HM: A Column-Oriented MapReduce System on Hybrid Storage

HM: A Column-Oriented MapReduce System on Hybrid Storage The solid-state hybrid drive (SSHD) incorporates a small NAND flash memory into a hard drive, resulting in an integrated device with combined HDD (Hard Disk Drive) and SSD (Solid State Disk) storage. By identifying the data highly associated with the performance and buffering them in the SSD part, SSHD can deliver a better performance than the standard hard drive. However, that requires a significant redesign for existing data processing systems. In this paper, we examine the problem of efficiently processing relational data using MapReduce on a cluster using SSHDs as the underlying storage devices.

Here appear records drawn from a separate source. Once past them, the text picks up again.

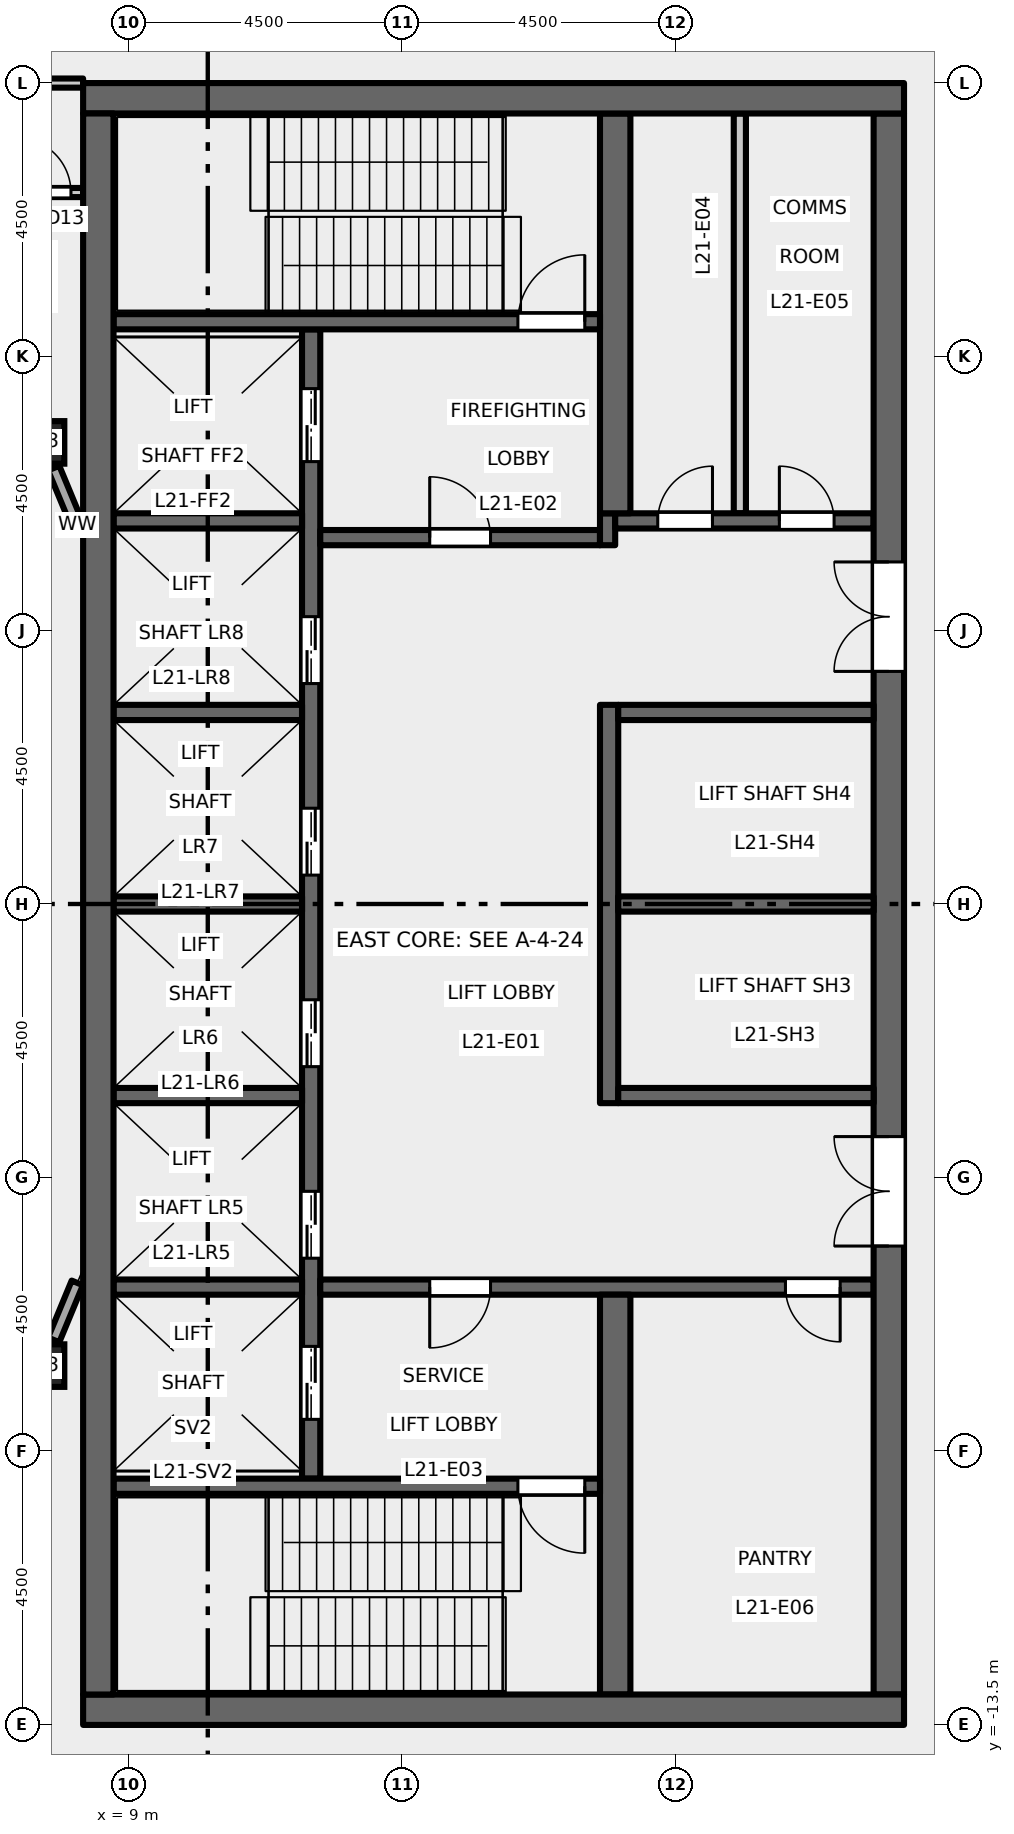
"""IFC4 building model, lengths in metres.
Left out: names, types, materials, properties, quantities, classifications, styles, units other than length and angle.
Written with IfcOpenShell. Run it as: python <this file> out.ifc"""

import sys

from ifc_helpers import new_model, si_unit, direction, frame, frame_2d, origin, origin_2d, place, context, subcontext, project, spatial, rectangle, hollow_rectangle, extrude, element, fill, save


model = new_model("IFC4")
c1 = context("Model", 3, precision=1e-05, world=origin(), true_north=direction((0.0, 1.0)))
c2 = subcontext(c1, "Body", "Model", "MODEL_VIEW")
j1 = project(units=[si_unit("LENGTHUNIT", "METRE"), si_unit("PLANEANGLEUNIT", "RADIAN")], contexts=[c1])
p1 = place(None, origin())
s1 = spatial("IfcSite", under=j1, at=p1, CompositionType="ELEMENT")
p2 = place(p1, origin())
s2 = spatial("IfcBuilding", under=s1, at=p2, CompositionType="ELEMENT")
p3 = place(p2, frame((0.0, 0.0, 99.2)))
s3 = spatial("IfcBuildingStorey", under=s2, at=p3, CompositionType="ELEMENT", Elevation=99.2)
for number, where, z_axis, x_axis in (
    (1, (7.591, -7.591, 0.0), (0.0, 0.0, 1.0), (1.0, 0.0, 0.0)),
    (2, (7.591, 7.591, 0.0), (0.0, 0.0, 1.0), (1.0, 0.0, 0.0)),
):
    element("IfcColumn", number, at=place(p3, frame(where, z_axis=z_axis, x_axis=x_axis)), inside=s3, PredefinedType="COLUMN", context=c2, shape_type="SweptSolid", body=[
        extrude(hollow_rectangle(XDim=0.7, YDim=0.7, WallThickness=0.04, at=origin_2d()), origin(), (0.0, 0.0, 1.0), 5.5),
    ])
p4 = place(p3, frame((12.0, -9.45, 0.0), z_axis=(0.0, 0.0, 1.0), x_axis=(0.0, 1.0, 0.0)))
e3 = element("IfcWall", 3, at=p4, inside=s3, PredefinedType="SHEAR", context=c2, shape_type="SweptSolid", body=[
    extrude(rectangle(XDim=18.9, YDim=0.3, at=frame_2d((9.45, 0.0))), origin(), (0.0, 0.0, 1.0), 5.35),
])
p5 = place(p4, frame((3.625, 0.0, 0.0)))
e4 = element("IfcOpeningElement", 4, at=p5, cuts=e3, PredefinedType="OPENING", context=c2, shape_type="SweptSolid", body=[
    extrude(rectangle(XDim=1.1, YDim=2.1, at=frame_2d((0.55, 1.05))), frame((0.0, 0.16, 0.0), z_axis=(0.0, -1.0, 0.0), x_axis=(1.0, 0.0, 0.0)), (0.0, 0.0, 1.0), 0.32),
])
p6 = place(p4, frame((6.775, 0.0, 0.0)))
e5 = element("IfcOpeningElement", 5, at=p6, cuts=e3, PredefinedType="OPENING", context=c2, shape_type="SweptSolid", body=[
    extrude(rectangle(XDim=1.1, YDim=2.1, at=frame_2d((0.55, 1.05))), frame((0.0, 0.16, 0.0), z_axis=(0.0, -1.0, 0.0), x_axis=(1.0, 0.0, 0.0)), (0.0, 0.0, 1.0), 0.32),
])
p7 = place(p4, frame((9.925, 0.0, 0.0)))
e6 = element("IfcOpeningElement", 6, at=p7, cuts=e3, PredefinedType="OPENING", context=c2, shape_type="SweptSolid", body=[
    extrude(rectangle(XDim=1.1, YDim=2.1, at=frame_2d((0.55, 1.05))), frame((0.0, 0.16, 0.0), z_axis=(0.0, -1.0, 0.0), x_axis=(1.0, 0.0, 0.0)), (0.0, 0.0, 1.0), 0.32),
])
p8 = place(p4, frame((13.075, 0.0, 0.0)))
e7 = element("IfcOpeningElement", 7, at=p8, cuts=e3, PredefinedType="OPENING", context=c2, shape_type="SweptSolid", body=[
    extrude(rectangle(XDim=1.1, YDim=2.1, at=frame_2d((0.55, 1.05))), frame((0.0, 0.16, 0.0), z_axis=(0.0, -1.0, 0.0), x_axis=(1.0, 0.0, 0.0)), (0.0, 0.0, 1.0), 0.32),
])
p9 = place(p4, frame((16.725, 0.0, 0.0)))
e8 = element("IfcOpeningElement", 8, at=p9, cuts=e3, PredefinedType="OPENING", context=c2, shape_type="SweptSolid", body=[
    extrude(rectangle(XDim=1.2, YDim=2.1, at=frame_2d((0.6, 1.05))), frame((0.0, 0.16, 0.0), z_axis=(0.0, -1.0, 0.0), x_axis=(1.0, 0.0, 0.0)), (0.0, 0.0, 1.0), 0.32),
])
p10 = place(p4, frame((0.975, 0.0, 0.0)))
e9 = element("IfcOpeningElement", 9, at=p10, cuts=e3, PredefinedType="OPENING", context=c2, shape_type="SweptSolid", body=[
    extrude(rectangle(XDim=1.2, YDim=2.1, at=frame_2d((0.6, 1.05))), frame((0.0, 0.16, 0.0), z_axis=(0.0, -1.0, 0.0), x_axis=(1.0, 0.0, 0.0)), (0.0, 0.0, 1.0), 0.32),
])
p11 = place(p3, frame((12.15, 6.025, 0.0), z_axis=(0.0, 0.0, 1.0), x_axis=(1.0, 0.0, 0.0)))
e10 = element("IfcWall", 10, at=p11, inside=s3, PredefinedType="SHEAR", context=c2, shape_type="SweptSolid", body=[
    extrude(rectangle(XDim=4.6, YDim=0.25, at=frame_2d((2.3, 0.0))), origin(), (0.0, 0.0, 1.0), 5.35),
])
p12 = place(p11, frame((1.8, 0.0, 0.0)))
e11 = element("IfcOpeningElement", 11, at=p12, cuts=e10, PredefinedType="OPENING", context=c2, shape_type="SweptSolid", body=[
    extrude(rectangle(XDim=1.0, YDim=2.1, at=frame_2d((0.5, 1.05))), frame((0.0, 0.135, 0.0), z_axis=(0.0, -1.0, 0.0), x_axis=(1.0, 0.0, 0.0)), (0.0, 0.0, 1.0), 0.27),
])
p13 = place(p3, frame((16.875, 5.9, 0.0), z_axis=(0.0, 0.0, 1.0), x_axis=(0.0, 1.0, 0.0)))
e12 = element("IfcWall", 12, at=p13, inside=s3, PredefinedType="SHEAR", context=c2, shape_type="SweptSolid", body=[
    extrude(rectangle(XDim=0.525, YDim=0.25, at=frame_2d((0.263, 0.0))), origin(), (0.0, 0.0, 1.0), 5.35),
])
p14 = place(p3, frame((17.0, 6.3, 0.0), z_axis=(0.0, 0.0, 1.0), x_axis=(1.0, 0.0, 0.0)))
e13 = element("IfcWall", 13, at=p14, inside=s3, PredefinedType="SHEAR", context=c2, shape_type="SweptSolid", body=[
    extrude(rectangle(XDim=4.25, YDim=0.25, at=frame_2d((2.125, 0.0))), origin(), (0.0, 0.0, 1.0), 5.35),
])
p15 = place(p14, frame((0.7, 0.0, 0.0)))
e14 = element("IfcOpeningElement", 14, at=p15, cuts=e13, PredefinedType="OPENING", context=c2, shape_type="SweptSolid", body=[
    extrude(rectangle(XDim=0.9, YDim=2.1, at=frame_2d((0.45, 1.05))), frame((0.0, 0.135, 0.0), z_axis=(0.0, -1.0, 0.0), x_axis=(1.0, 0.0, 0.0)), (0.0, 0.0, 1.0), 0.27),
])
p16 = place(p14, frame((2.7, 0.0, 0.0)))
e15 = element("IfcOpeningElement", 15, at=p16, cuts=e13, PredefinedType="OPENING", context=c2, shape_type="SweptSolid", body=[
    extrude(rectangle(XDim=0.9, YDim=2.1, at=frame_2d((0.45, 1.05))), frame((0.0, 0.135, 0.0), z_axis=(0.0, -1.0, 0.0), x_axis=(1.0, 0.0, 0.0)), (0.0, 0.0, 1.0), 0.27),
])
p17 = place(p3, frame((12.15, -6.3, 0.0), z_axis=(0.0, 0.0, 1.0), x_axis=(1.0, 0.0, 0.0)))
e16 = element("IfcWall", 16, at=p17, inside=s3, PredefinedType="SHEAR", context=c2, shape_type="SweptSolid", body=[
    extrude(rectangle(XDim=9.1, YDim=0.25, at=frame_2d((4.55, 0.0))), origin(), (0.0, 0.0, 1.0), 5.35),
])
p18 = place(p17, frame((1.8, 0.0, 0.0)))
e17 = element("IfcOpeningElement", 17, at=p18, cuts=e16, PredefinedType="OPENING", context=c2, shape_type="SweptSolid", body=[
    extrude(rectangle(XDim=1.0, YDim=2.1, at=frame_2d((0.5, 1.05))), frame((0.0, 0.135, 0.0), z_axis=(0.0, -1.0, 0.0), x_axis=(1.0, 0.0, 0.0)), (0.0, 0.0, 1.0), 0.27),
])
p19 = place(p17, frame((7.65, 0.0, 0.0)))
e18 = element("IfcOpeningElement", 18, at=p19, cuts=e16, PredefinedType="OPENING", context=c2, shape_type="SweptSolid", body=[
    extrude(rectangle(XDim=0.9, YDim=2.1, at=frame_2d((0.45, 1.05))), frame((0.0, 0.135, 0.0), z_axis=(0.0, -1.0, 0.0), x_axis=(1.0, 0.0, 0.0)), (0.0, 0.0, 1.0), 0.27),
])
p20 = place(p3, frame((21.5, -13.0, 0.0), z_axis=(0.0, 0.0, 1.0), x_axis=(0.0, 1.0, 0.0)))
e19 = element("IfcWall", 19, at=p20, inside=s3, PredefinedType="SHEAR", context=c2, shape_type="SweptSolid", body=[
    extrude(rectangle(XDim=26.0, YDim=0.5, at=frame_2d((13.0, 0.0))), origin(), (0.0, 0.0, 1.0), 5.35),
])
p21 = place(p20, frame((16.825, 0.0, 0.0)))
e20 = element("IfcOpeningElement", 20, at=p21, cuts=e19, PredefinedType="OPENING", context=c2, shape_type="SweptSolid", body=[
    extrude(rectangle(XDim=1.8, YDim=2.1, at=frame_2d((0.9, 1.05))), frame((0.0, 0.26, 0.0), z_axis=(0.0, -1.0, 0.0), x_axis=(1.0, 0.0, 0.0)), (0.0, 0.0, 1.0), 0.52),
])
p22 = place(p20, frame((7.375, 0.0, 0.0)))
e21 = element("IfcOpeningElement", 21, at=p22, cuts=e19, PredefinedType="OPENING", context=c2, shape_type="SweptSolid", body=[
    extrude(rectangle(XDim=1.8, YDim=2.1, at=frame_2d((0.9, 1.05))), frame((0.0, 0.26, 0.0), z_axis=(0.0, -1.0, 0.0), x_axis=(1.0, 0.0, 0.0)), (0.0, 0.0, 1.0), 0.52),
])
p23 = place(p3, frame((19.05, 6.425, 0.0), z_axis=(0.0, 0.0, 1.0), x_axis=(0.0, 1.0, 0.0)))
e22 = element("IfcWall", 22, at=p23, inside=s3, PredefinedType="PARTITIONING", context=c2, shape_type="SweptSolid", body=[
    extrude(rectangle(XDim=6.575, YDim=0.2, at=frame_2d((3.288, 0.0))), origin(), (0.0, 0.0, 1.0), 5.35),
])
p24 = place(p3, frame((16.9, -3.275, 0.0), z_axis=(0.0, 0.0, 1.0), x_axis=(0.0, 1.0, 0.0)))
e23 = element("IfcWall", 23, at=p24, inside=s3, PredefinedType="SHEAR", context=c2, shape_type="SweptSolid", body=[
    extrude(rectangle(XDim=6.55, YDim=0.3, at=frame_2d((3.275, 0.0))), origin(), (0.0, 0.0, 1.0), 5.35),
])
for number, where, z_axis, x_axis in (
    (24, (17.05, 0.0, 0.0), (0.0, 0.0, 1.0), (1.0, 0.0, 0.0)),
    (25, (17.05, 3.15, 0.0), (0.0, 0.0, 1.0), (1.0, 0.0, 0.0)),
    (26, (17.05, -3.15, 0.0), (0.0, 0.0, 1.0), (1.0, 0.0, 0.0)),
):
    element("IfcWall", number, at=place(p3, frame(where, z_axis=z_axis, x_axis=x_axis)), inside=s3, PredefinedType="SHEAR", context=c2, shape_type="SweptSolid", body=[
        extrude(rectangle(XDim=4.2, YDim=0.25, at=frame_2d((2.1, 0.0))), origin(), (0.0, 0.0, 1.0), 5.35),
    ])
for number, where, z_axis, x_axis in (
    (27, (17.0, 6.425, 0.0), (0.0, 0.0, 1.0), (0.0, 1.0, 0.0)),
    (28, (17.0, -13.0, 0.0), (0.0, 0.0, 1.0), (0.0, 1.0, 0.0)),
):
    element("IfcWall", number, at=place(p3, frame(where, z_axis=z_axis, x_axis=x_axis)), inside=s3, PredefinedType="SHEAR", context=c2, shape_type="SweptSolid", body=[
        extrude(rectangle(XDim=6.575, YDim=0.5, at=frame_2d((3.288, 0.0))), origin(), (0.0, 0.0, 1.0), 5.35),
    ])
for number, where, z_axis, x_axis in (
    (29, (8.75, 0.0, 0.0), (0.0, 0.0, 1.0), (1.0, 0.0, 0.0)),
    (30, (8.75, 3.15, 0.0), (0.0, 0.0, 1.0), (1.0, 0.0, 0.0)),
    (31, (8.75, 6.3, 0.0), (0.0, 0.0, 1.0), (1.0, 0.0, 0.0)),
    (32, (8.75, -3.15, 0.0), (0.0, 0.0, 1.0), (1.0, 0.0, 0.0)),
    (33, (8.75, -6.3, 0.0), (0.0, 0.0, 1.0), (1.0, 0.0, 0.0)),
):
    element("IfcWall", number, at=place(p3, frame(where, z_axis=z_axis, x_axis=x_axis)), inside=s3, PredefinedType="SHEAR", context=c2, shape_type="SweptSolid", body=[
        extrude(rectangle(XDim=3.1, YDim=0.25, at=frame_2d((1.55, 0.0))), origin(), (0.0, 0.0, 1.0), 5.35),
    ])
p25 = place(p3, frame((8.75, 9.575, 0.0), z_axis=(0.0, 0.0, 1.0), x_axis=(1.0, 0.0, 0.0)))
e34 = element("IfcWall", 34, at=p25, inside=s3, PredefinedType="SHEAR", context=c2, shape_type="SweptSolid", body=[
    extrude(rectangle(XDim=8.0, YDim=0.25, at=frame_2d((4.0, 0.0))), origin(), (0.0, 0.0, 1.0), 5.35),
])
p26 = place(p25, frame((6.65, 0.0, 0.0)))
e35 = element("IfcOpeningElement", 35, at=p26, cuts=e34, PredefinedType="OPENING", context=c2, shape_type="SweptSolid", body=[
    extrude(rectangle(XDim=1.1, YDim=2.1, at=frame_2d((0.55, 1.05))), frame((0.0, 0.135, 0.0), z_axis=(0.0, -1.0, 0.0), x_axis=(1.0, 0.0, 0.0)), (0.0, 0.0, 1.0), 0.27),
])
p27 = place(p3, frame((8.75, -9.575, 0.0), z_axis=(0.0, 0.0, 1.0), x_axis=(1.0, 0.0, 0.0)))
e36 = element("IfcWall", 36, at=p27, inside=s3, PredefinedType="SHEAR", context=c2, shape_type="SweptSolid", body=[
    extrude(rectangle(XDim=8.0, YDim=0.25, at=frame_2d((4.0, 0.0))), origin(), (0.0, 0.0, 1.0), 5.35),
])
p28 = place(p27, frame((6.65, 0.0, 0.0)))
e37 = element("IfcOpeningElement", 37, at=p28, cuts=e36, PredefinedType="OPENING", context=c2, shape_type="SweptSolid", body=[
    extrude(rectangle(XDim=1.1, YDim=2.1, at=frame_2d((0.55, 1.05))), frame((0.0, 0.135, 0.0), z_axis=(0.0, -1.0, 0.0), x_axis=(1.0, 0.0, 0.0)), (0.0, 0.0, 1.0), 0.27),
])
for number, where, z_axis, x_axis in (
    (38, (8.25, 13.25, 0.0), (0.0, 0.0, 1.0), (1.0, 0.0, 0.0)),
    (39, (8.25, -13.25, 0.0), (0.0, 0.0, 1.0), (1.0, 0.0, 0.0)),
):
    element("IfcWall", number, at=place(p3, frame(where, z_axis=z_axis, x_axis=x_axis)), inside=s3, PredefinedType="SHEAR", context=c2, shape_type="SweptSolid", body=[
        extrude(rectangle(XDim=13.5, YDim=0.5, at=frame_2d((6.75, 0.0))), origin(), (0.0, 0.0, 1.0), 5.35),
    ])
p29 = place(p3, frame((8.5, -13.0, 0.0), z_axis=(0.0, 0.0, 1.0), x_axis=(0.0, 1.0, 0.0)))
e40 = element("IfcWall", 40, at=p29, inside=s3, PredefinedType="SHEAR", context=c2, shape_type="SweptSolid", body=[
    extrude(rectangle(XDim=26.0, YDim=0.5, at=frame_2d((13.0, 0.0))), origin(), (0.0, 0.0, 1.0), 5.35),
])
for number, where, z_axis, x_axis in (
    (41, (7.766, -7.168, 0.0), (0.0, 0.0, 1.0), (0.383, 0.924, 0.0)),
    (42, (8.154, 6.231, 0.0), (0.0, 0.0, 1.0), (-0.383, 0.924, 0.0)),
):
    element("IfcWall", number, at=place(p3, frame(where, z_axis=z_axis, x_axis=x_axis)), inside=s3, PredefinedType="STANDARD", context=c2, shape_type="SweptSolid", body=[
        extrude(rectangle(XDim=1.015, YDim=0.2, at=frame_2d((0.507, 0.0))), origin(), (0.0, 0.0, 1.0), 4.826),
    ])
p30 = place(p3, frame((7.0, 11.7, 0.0), z_axis=(0.0, 0.0, 1.0), x_axis=(1.0, 0.0, 0.0)))
e43 = element("IfcWall", 43, at=p30, inside=s3, PredefinedType="PARTITIONING", context=c2, shape_type="SweptSolid", body=[
    extrude(rectangle(XDim=1.25, YDim=0.15, at=frame_2d((0.625, 0.0))), origin(), (0.0, 0.0, 1.0), 5.35),
])
p31 = place(p30, frame((0.15, 0.0, 0.0)))
e44 = element("IfcOpeningElement", 44, at=p31, cuts=e43, PredefinedType="OPENING", context=c2, shape_type="SweptSolid", body=[
    extrude(rectangle(XDim=0.9, YDim=2.1, at=frame_2d((0.45, 1.05))), frame((0.0, 0.085, 0.0), z_axis=(0.0, -1.0, 0.0), x_axis=(1.0, 0.0, 0.0)), (0.0, 0.0, 1.0), 0.17),
])
p32 = place(p3, frame((-8.25, 13.5, 0.0), z_axis=(0.0, 0.0, 1.0), x_axis=(1.0, 0.0, 0.0)))
e45 = element("IfcWall", 45, at=p32, inside=s3, PredefinedType="PARTITIONING", context=c2, shape_type="SweptSolid", body=[
    extrude(rectangle(XDim=16.5, YDim=0.15, at=frame_2d((8.25, 0.0))), origin(), (0.0, 0.0, 1.0), 5.35),
])
p33 = place(p32, frame((0.65, 0.0, 0.0)))
e46 = element("IfcOpeningElement", 46, at=p33, cuts=e45, PredefinedType="OPENING", context=c2, shape_type="SweptSolid", body=[
    extrude(rectangle(XDim=1.0, YDim=2.1, at=frame_2d((0.5, 1.05))), frame((0.0, 0.085, 0.0), z_axis=(0.0, -1.0, 0.0), x_axis=(1.0, 0.0, 0.0)), (0.0, 0.0, 1.0), 0.17),
])
p34 = place(p12, origin())
e47 = element("IfcDoor", 47, at=p34, inside=s3, OperationType="SINGLE_SWING_RIGHT", PredefinedType="DOOR", context=c2, shape_type="SweptSolid", body=[
    extrude(rectangle(XDim=1.0, YDim=2.1, at=frame_2d((0.5, 1.05))), frame((0.0, 0.025, 0.0), z_axis=(0.0, -1.0, 0.0), x_axis=(1.0, 0.0, 0.0)), (0.0, 0.0, 1.0), 0.05),
])
fill(e11, e47)
p35 = place(p18, origin())
e48 = element("IfcDoor", 48, at=p35, inside=s3, OperationType="SINGLE_SWING_LEFT", PredefinedType="DOOR", context=c2, shape_type="SweptSolid", body=[
    extrude(rectangle(XDim=1.0, YDim=2.1, at=frame_2d((0.5, 1.05))), frame((0.0, 0.025, 0.0), z_axis=(0.0, -1.0, 0.0), x_axis=(1.0, 0.0, 0.0)), (0.0, 0.0, 1.0), 0.05),
])
fill(e17, e48)
p36 = place(p26, origin())
e49 = element("IfcDoor", 49, at=p36, inside=s3, OperationType="SINGLE_SWING_LEFT", PredefinedType="DOOR", context=c2, shape_type="SweptSolid", body=[
    extrude(rectangle(XDim=1.1, YDim=2.1, at=frame_2d((0.55, 1.05))), frame((0.0, 0.025, 0.0), z_axis=(0.0, -1.0, 0.0), x_axis=(1.0, 0.0, 0.0)), (0.0, 0.0, 1.0), 0.05),
])
fill(e35, e49)
p37 = place(p28, origin())
e50 = element("IfcDoor", 50, at=p37, inside=s3, OperationType="SINGLE_SWING_RIGHT", PredefinedType="DOOR", context=c2, shape_type="SweptSolid", body=[
    extrude(rectangle(XDim=1.1, YDim=2.1, at=frame_2d((0.55, 1.05))), frame((0.0, 0.025, 0.0), z_axis=(0.0, -1.0, 0.0), x_axis=(1.0, 0.0, 0.0)), (0.0, 0.0, 1.0), 0.05),
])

We present the design of HM (Hybrid MapReduce), a column-oriented MapReduce system, which adopts different storage layout, query optimizer, data index and compression algorithm from previous MapReduce systems. In HM, the DFS (Distributed File System) is deployed on SSHDs, and data layout (how data chunks are disseminated to HDDs and SSDs) plays a key role for the performance. Hence, an approximate algorithm is used to tune the data layout adaptively to maximize the query performance.We evaluate HM using TPC-H benchmark and the results show that with our new design, the hybrid system can provide a similar performance as the SSD-only system.